High Nitrate Concentrations in Some Midwest United States Streams in 2013 after the 2012 Drought

Nitrogen sources in the Mississippi River basin have been linked to degradation of stream ecology and to Gulf of Mexico hypoxia. In 2013, the USGS and the USEPA characterized water quality stressors and ecological conditions in 100 wadeable streams across the midwestern United States. Wet conditions in 2013 followed a severe drought in 2012, a weather pattern associated with elevated nitrogen concentrations and loads in streams. Nitrate concentrations during the May to August 2013 sampling period ranged from <0.04 to 41.8 mg L −1 as N (mean, 5.31 mg L −1 ). Observed mean May to June nitrate concentrations at the 100 sites were compared with May to June concentrations predicted from a regression model developed using historical nitrate data. Observed concentrations for 17 sites, centered on Iowa and southern Minnesota, were outside the 95% confidence interval of the regression‐predicted mean, indicating that they were anomalously high.
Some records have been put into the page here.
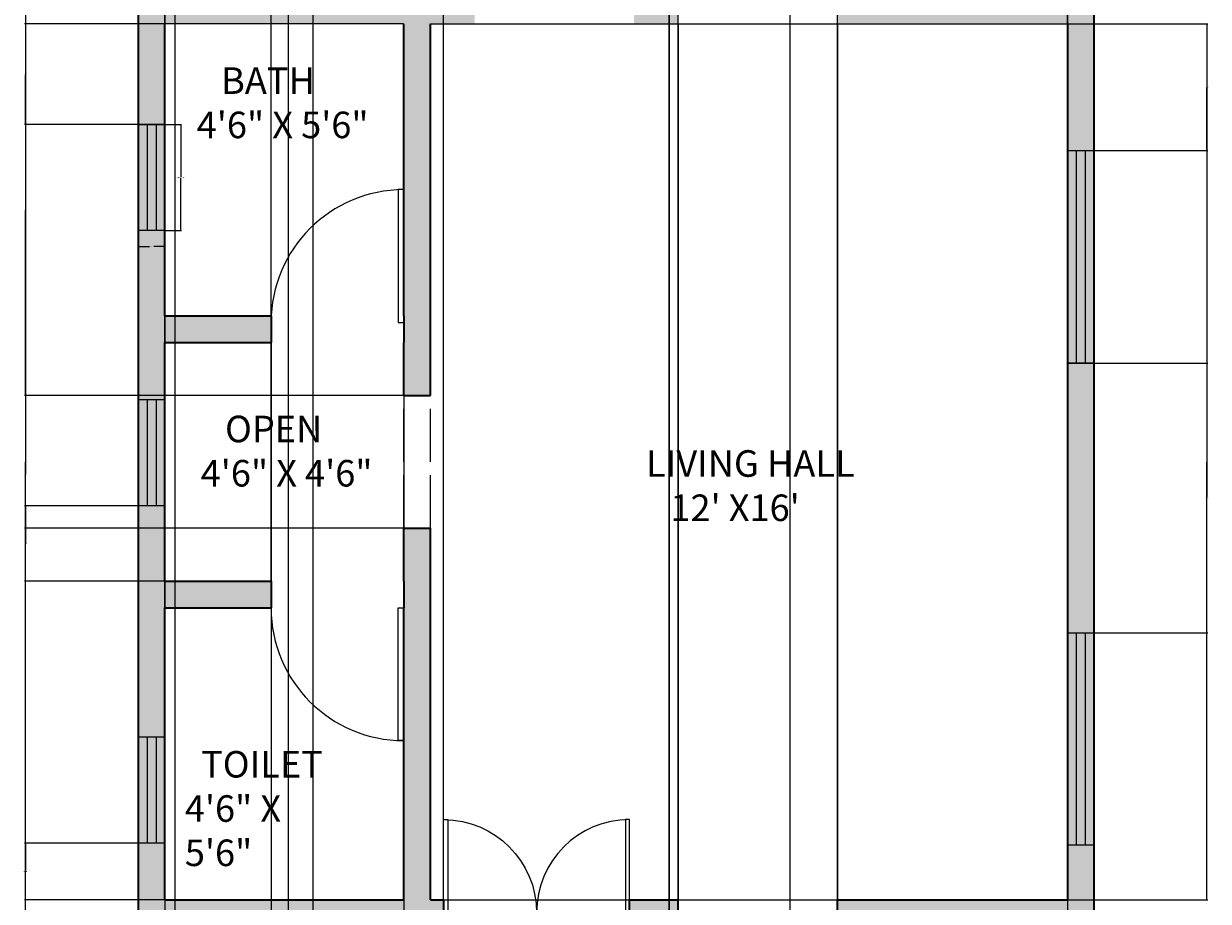
# Model space of a CAD drawing. Units: feet. Extents: x 4596233 to 4596501, y 5666486 to 5667044.
# Tile 2 of 3: x 4596233 to 4596501, y 5666688 to 5666886. Entities that reach past the tile are written whole.
import ezdxf

# ---------------------------------------------------------------- set-up
doc = ezdxf.new("R2010")
doc.units = ezdxf.units.FT
doc.linetypes.add('ACAD_ISO02W100', pattern=[15, 12, -3])
for name, color, linetype, lineweight in [('A-ANNO-DIMS', 2, 'Continuous', 18), ('A-DOOR-OVHD', 240, 'ACAD_ISO02W100', 18), ('A-WALL', 7, 'Continuous', 35), ('ANNOTATION', 170, 'Continuous', 18), ('DOOR', 240, 'Continuous', 18)]:
    doc.layers.add(name, color=color, linetype=linetype, lineweight=lineweight)
doc.layers.add('A-GLAZ', color=2, linetype='Continuous', lineweight=18, true_color=0xf1eb1f)
doc.layers.add('A-WALL-PATT', color=251, linetype='Continuous', lineweight=13, true_color=0x636466)
doc.styles.get("Standard").update_dxf_attribs({"font": 'arial.ttf'})
doc.dimstyles.get("Standard").update_dxf_attribs({"dimtxt": 0.18, "dimasz": 0.18, "dimexe": 0.18, "dimexo": 0.0625, "dimgap": 0.09, "dimtad": 0, "dimtih": 1, "dimtoh": 1, "dimdec": 0, "dimzin": 0, "dimdsep": 46, "dimlunit": 3, "dimtxsty": 'Standard', "dimcen": 0.09, "dimadec": 0, "dimazin": 0, "dimtfac": 1, "dimtdec": 0, "dimtofl": 0, "dimtmove": 0, "dimatfit": 3, "dimfxl": 1, "dimtolj": 1, "dimtzin": 0, "dimarcsym": 0})

# ---------------------------------------------------------------- blocks, each defined once
blk = doc.blocks.new('*U3')
for p, q in [((0, 0), (0, -6)), ((-40, 0), (-40, -6))]:
    blk.add_line(p, q)
blk.add_lwpolyline([(0, 0), (0, 40), (-1.75, 40), (-1.75, 0)], close=True)
blk.add_arc((0, 0), 40, 90, 180)
blk = doc.blocks.new('*U2')
for p, q in [((-40, 0), (-40, 6)), ((0, 0), (0, 6))]:
    blk.add_line(p, q)
blk.add_lwpolyline([(0, 0), (0, -40), (-1.75, -40), (-1.75, 0)], close=True)
blk.add_arc((0, 0), 40, 180, 270)
blk = doc.blocks.new('WIN-48IN')
h = blk.add_hatch(color=256)
h.dxf.hatch_style = 1
h.paths.add_polyline_path([(48, 2), (48, 4), (0, 4), (0, 2)])
for p, q in [((0, 6), (48, 6)), ((0, 0), (0, 6)), ((48, 6), (48, 0)), ((0, 4), (48, 4)), ((0, 2), (48, 2)), ((48, 0), (0, 0))]:
    blk.add_line(p, q)
blk = doc.blocks.new('WIN-24IN')
h = blk.add_hatch(color=256)
h.dxf.hatch_style = 1
h.paths.add_polyline_path([(2, 0), (4, 0), (4, 24), (2, 24)])
for p, q in [((0, 0), (0, 24)), ((0, 24), (6, 24)), ((2, 24), (2, 0)), ((4, 24), (4, 0)), ((6, 24), (6, 0)), ((6, 0), (0, 0))]:
    blk.add_line(p, q)
blk = doc.blocks.new('*D9')
at = {"layer": 'A-ANNO-DIMS', "color": 0, "lineweight": -2, "transparency": 16777216}
for p, q in [((4596264.91, 5666863.39), (4596268.63, 5666863.39)), ((4596268.45, 5666863.21), (4596268.45, 5666851.57)), ((4596268.45, 5666839.57), (4596268.45, 5666851.21)), ((4596264.91, 5666839.39), (4596268.63, 5666839.39))]:
    blk.add_line(p, q, dxfattribs=at)
at = {"layer": 'A-ANNO-DIMS', "color": 0, "transparency": 16777216}
for points in [[(4596268.42, 5666863.21), (4596268.48, 5666863.21), (4596268.45, 5666863.39)], [(4596268.42, 5666839.57), (4596268.48, 5666839.57), (4596268.45, 5666839.39)]]:
    blk.add_solid(points, dxfattribs=at)
at = {"layer": 'Defpoints', "color": 0, "transparency": 16777216}
for p in [(4596264.85, 5666863.39), (4596268.45, 5666863.39), (4596264.85, 5666839.39)]:
    blk.add_point(p, dxfattribs=at)
at = {"layer": 'A-ANNO-DIMS', "color": 0, "transparency": 16777216, "insert": (4596268.45, 5666851.39), "char_height": 0.18, "attachment_point": 5}
blk.add_mtext('\\A1;WINDOW 24 TYP.', dxfattribs=at)
blk = doc.blocks.new('*D10')
at = {"layer": 'A-ANNO-DIMS', "color": 0, "lineweight": -2, "transparency": 16777216}
for p, q in [((4596258.85, 5666839.33), (4596258.85, 5666835.61)), ((4596264.85, 5666839.33), (4596264.85, 5666835.61)), ((4596259.03, 5666835.79), (4596261.39, 5666835.79)), ((4596264.67, 5666835.79), (4596262.31, 5666835.79))]:
    blk.add_line(p, q, dxfattribs=at)
at = {"layer": 'A-ANNO-DIMS', "color": 0, "transparency": 16777216}
for points in [[(4596259.03, 5666835.82), (4596259.03, 5666835.76), (4596258.85, 5666835.79)], [(4596264.67, 5666835.82), (4596264.67, 5666835.76), (4596264.85, 5666835.79)]]:
    blk.add_solid(points, dxfattribs=at)
at = {"layer": 'Defpoints', "color": 0, "transparency": 16777216}
for p in [(4596258.85, 5666839.39), (4596264.85, 5666839.39), (4596264.85, 5666835.79)]:
    blk.add_point(p, dxfattribs=at)
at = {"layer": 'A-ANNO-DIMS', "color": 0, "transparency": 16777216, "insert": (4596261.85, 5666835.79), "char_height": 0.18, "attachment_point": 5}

The sites with a nitrate anomaly had significantly higher May to June nitrate concentrations than sites without an anomaly (means, 19.8 and 3.6 mg L −1 , respectively) and had higher antecedent precipitation indices, a measure of the departure from normal precipitation, in 2012 and 2013. Correlations between nitrate concentrations and watershed characteristics and nitrogen and oxygen isotopes of nitrate indicated that fertilizer and manure used in crop production, principally corn, were the dominant sources of nitrate. The anomalously high nitrate levels in parts of the Midwest in 2013 coincide with reported higher‐than‐normal nitrate loads in the Mississippi River. Core Ideas Multiyear precipitation patterns can affect nitrate loading to streams. Anomalously high nitrate concentrations in 2013 in some streams followed the 2012 drought. Nitrate correlated to nitrogen fertilizer applications and multiyear precipitation patterns. High nitrate in small Midwest streams in 2013 coincides with high loading in the Mississippi River.